Wei Wu, Zhengdong Lu, Hang Li.
Year: 2013, Volume: 14, Issue: 41, Pages: 2519−2548
The task of matching data from two heterogeneous domains naturally arises in various areas such as web search, collaborative filtering, and drug design. In web search, existing work has designed relevance models to match queries and documents by exploiting either user clicks or content of queries and documents. To the best of our knowledge, however, there has been little work on principled approaches to leveraging both clicks and content to learn a matching model for search. In this paper, we propose a framework for learning to match heterogeneous objects. The framework learns two linear mappings for two objects respectively, and matches them via the dot product of their images after mapping.
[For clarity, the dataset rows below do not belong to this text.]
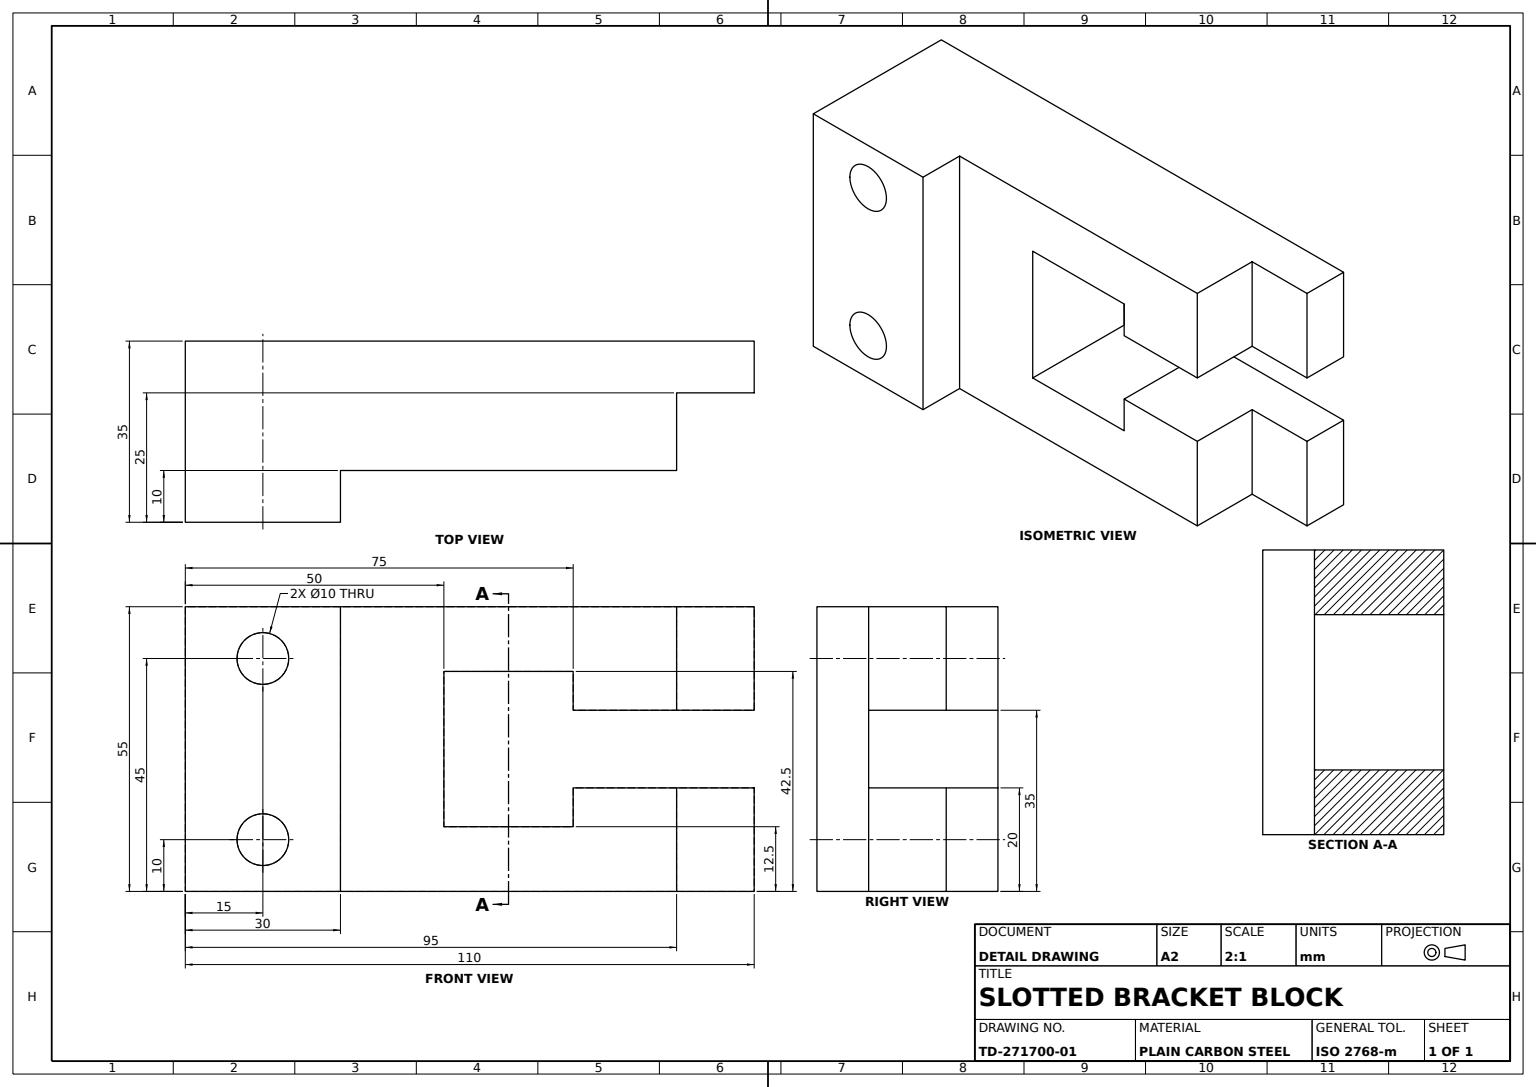
from build123d import *

# Parameters (mm, degrees)
BASE_PROFILE_DEPTH     = 10
UPRIGHT_BLOCK_SKETCH_W = 30
UPRIGHT_BLOCK_SKETCH_H = 55
UPRIGHT_BLOCK_DEPTH    = 25
SLOTTED_ARM_DEPTH      = 15
THROUGH_HOLES_SKETCH_R = 5
THROUGH_HOLES_2X_DEPTH = 55


with BuildPart() as part:
    # Base Profile Sketch → Base Profile (new body)
    with BuildSketch(Plane.XY):
        Polygon((0, 0), (0, -55), (110, -55), (110, -35), (75, -35), (75, -42.5), (50, -42.5), (50, -12.5), (75, -12.5), (75, -20), (110, -20), (110, 0), align=None)
    extrude(amount=BASE_PROFILE_DEPTH)

    # Upright Block Sketch → Upright Block (add)
    with BuildSketch(Plane.XY.offset(10)):
        with Locations((15, -27.5)):
            Rectangle(UPRIGHT_BLOCK_SKETCH_W, UPRIGHT_BLOCK_SKETCH_H)
    extrude(amount=UPRIGHT_BLOCK_DEPTH)

    # Slotted Arm Sketch → Slotted Arm (add)
    with BuildSketch(Plane.XY.offset(10)):
        Polygon((30, 0), (30, -55), (95, -55), (95, -35), (75, -35), (75, -42.5), (50, -42.5), (50, -12.5), (75, -12.5), (75, -20), (95, -20), (95, 0), align=None)
    extrude(amount=SLOTTED_ARM_DEPTH)

    # Through Holes Sketch → Through Holes 2x (cut)
    with BuildSketch(Plane.XY.offset(35)):
        with Locations((15, -10)):
            Circle(THROUGH_HOLES_SKETCH_R)
        with Locations((15, -45)):
            Circle(THROUGH_HOLES_SKETCH_R)
    extrude(amount=-THROUGH_HOLES_2X_DEPTH, mode=Mode.SUBTRACT)


solid = part.part

Moreover, when different regularizations are enforced, the framework renders a rich family of matching models. With orthonormal constraints on mapping functions, the framework subsumes Partial Least Squares (PLS) as a special case. Alternatively, with a $\ell_1$+$\ell_2$ regularization, we obtain a new model called Regularized Mapping to Latent Structures (RMLS). RMLS enjoys many advantages over PLS, including lower time complexity and easy parallelization. To further understand the matching framework, we conduct generalization analysis and apply the result to both PLS and RMLS. We apply the framework to web search and implement both PLS and RMLS using a click-through bipartite with metadata representing features of queries and documents. We test the efficacy and scalability of RMLS and PLS on large scale web search problems. The results show that both PLS and RMLS can significantly outperform baseline methods, while RMLS substantially speeds up the learning process.